Another issue for Tilray is that its pricey acquisition of Manitoba Harvest hasn’t quite yielded the expected benefits. Manitoba Harvest is a hemp foods company that Tilray purchased to access to the company’s lucrative retail distribution network. The plan was to distribute cannabidiol (CBD) products throughout North America. However, CBD sales growth slowed to a crawl in the U.S. following the Food and Drug Administration’s decision late last year to not approve CBD as a food or beverage additive.

With more than $435 million in outstanding convertible notes and Tilray still losing money hand over fist, its survival is not guaranteed.

IMAGE SOURCE: AMERICAN AIRLINES.

American Airlines Group

Finally, despite being one of the top-10 most-held stocks on the entire platform, American Airlines Group (NASDAQ:AAL) probably won’t survive without seeking a reorganization through bankruptcy protection.

If there’s a bright side for American Airlines, it’s that the company has been able to access capital during the steepest economic downturn in decades. The company was able to raise billions through convertible debt offerings and newly issued stock. American Airlines also qualified for a coronavirus disease 2019 (COVID-19) relief loan of $5.5 billion — but that’s where the good news stops.

Fundamentally speaking, the airline industry looks like damaged goods. It’s impossible to tell when passengers are going to feel comfortable taking to the skies again. That’s a big problem for a company that’s piled on debt like no other airline stock, and that operates in a capital-intensive but low-margin industry.

As my airline-focused Foolish colleague Adam Levine-Weinberg pointed out in 2018, American Airlines retired commercial planes well before their usage period was up. By updating its fleet, the company buried itself in debt that minimized its financial flexibility before COVID-19 hit.

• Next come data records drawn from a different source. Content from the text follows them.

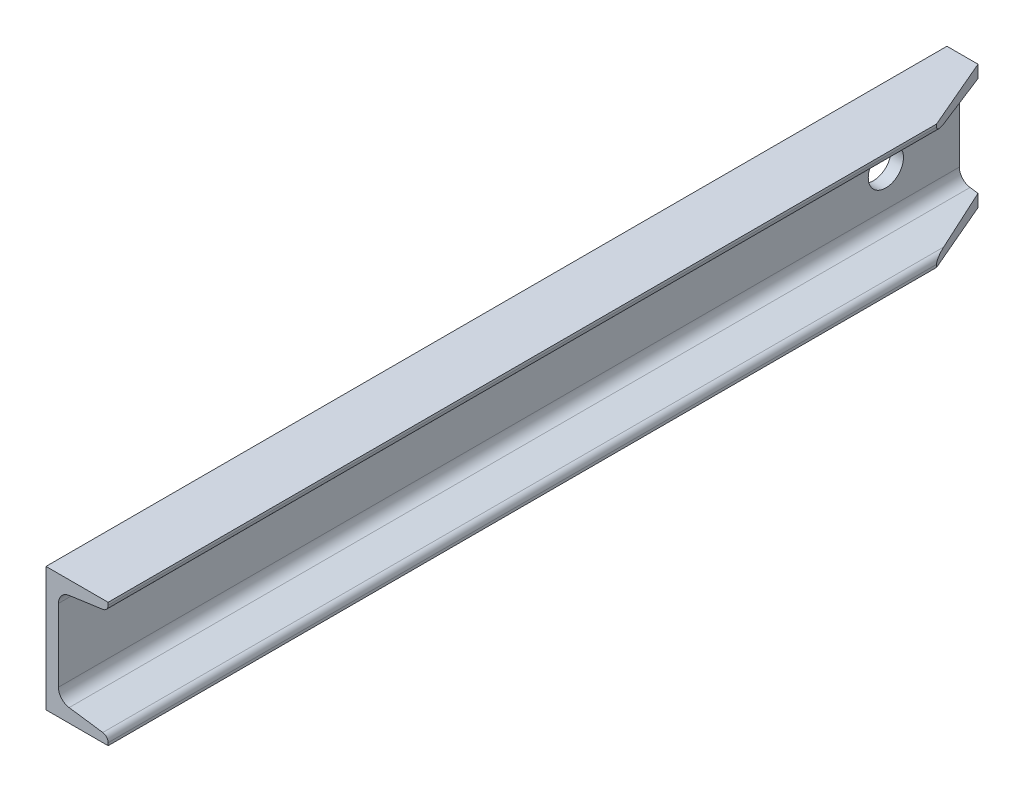
SolidWorks part; units mm, degrees
material "1023 Carbon Steel Plate (SS)"
ref_plane "Front Plane" through (0, 0, 0) normal (0, 0, 1) x (1, 0, 0)
ref_plane "Top Plane" through (0, 0, 0) normal (0, 1, 0) x (1, 0, 0)
ref_plane "Right Plane" through (0, 0, 0) normal (1, 0, 0) x (0, 0, -1)
sketch "Sketch1" plane through (0, 0, 0) normal (0, 0, 1) x (1, 0, 0)
  line L0 (0, 0) -> (-30, 0)
  line L1 (-30, 0) -> (-30, -60)
  line L2 (-30, -60) -> (0, -60)
  line L3 (0, -60) -> (0, -58.716)
  line L4 (-2.5825, -55.7452) -> (-18.835, -53.461)
  line L5 (-24, -47.5194) -> (-24, -12.4806)
  line L6 (-18.835, -6.539) -> (-2.5825, -4.2548)
  line L7 (0, -1.284) -> (0, 0)
  line L8 (-15, -54) -> (-15, -60) construction
  arc A0 (-24, -12.4806) -> (-18.835, -6.539) centre (-18, -12.4806) cw
  arc A1 (-18.835, -53.461) -> (-24, -47.5194) centre (-18, -47.5194) cw
  arc A2 (0, -58.716) -> (-2.5825, -55.7452) centre (-3, -58.716) ccw
  arc A3 (0, -1.284) -> (-2.5825, -4.2548) centre (-3, -1.284) cw
  dimension "D7" = 6
  dimension "D8" = 3
  dimension "D1" = 60
  dimension "D2" = 30
  dimension "D3" = 6
  dimension "D4" = 15
  dimension "D5" = 6
  dimension "D6" = 8
extrude "Boss-Extrude1" add sketch "Sketch1" along normal blind 435 contours A3 L6 A0 L5 A1 L4 A2 L3 L2 L1 L0 L7
sketch "Sketch2" plane through (-30, 0, 0) normal (-1, 0, 0) x (0, 0, 1)
  line L0 (435, 0) -> (435, -60) construction
  circle A0 centre (35.5, -30) radius 8.5
  dimension "D1" = 399.5
  dimension "D2" = 17
extrude "Cut-Extrude1" cut sketch "Sketch2" against normal blind 435
sketch "Sketch3" plane through (0, 0, 0) normal (0, 1, 0) x (1, 0, 0)
  line L0 (-15, 0) -> (0, 0)
  line L2 (0, 0) -> (0, -35)
  line L3 (0, -435) -> (0, 0) construction
  line L4 (0, -35) -> (-15, 0)
  dimension "D1" = 35
  dimension "D2" = 15
extrude "Cut-Extrude2" cut sketch "Sketch3" against normal blind 435

As of the most recent quarter, American Airlines had $9.8 billion in cash and cash equivalents, but was sitting on $40.1 billion in total debt. Even after suspending share buybacks and dividend payments, the company’s future isn’t guaranteed. It’ll be crushed by higher interest payment for years to come, and it’s forecast to lose $1.4 billion in 2021, according to Wall Street’s current consensus.

Put simply, the airline industry isn’t built to withstand more than a light economic hiccup. The stiff breeze created by COVID-19 could be enough to topple American Airlines.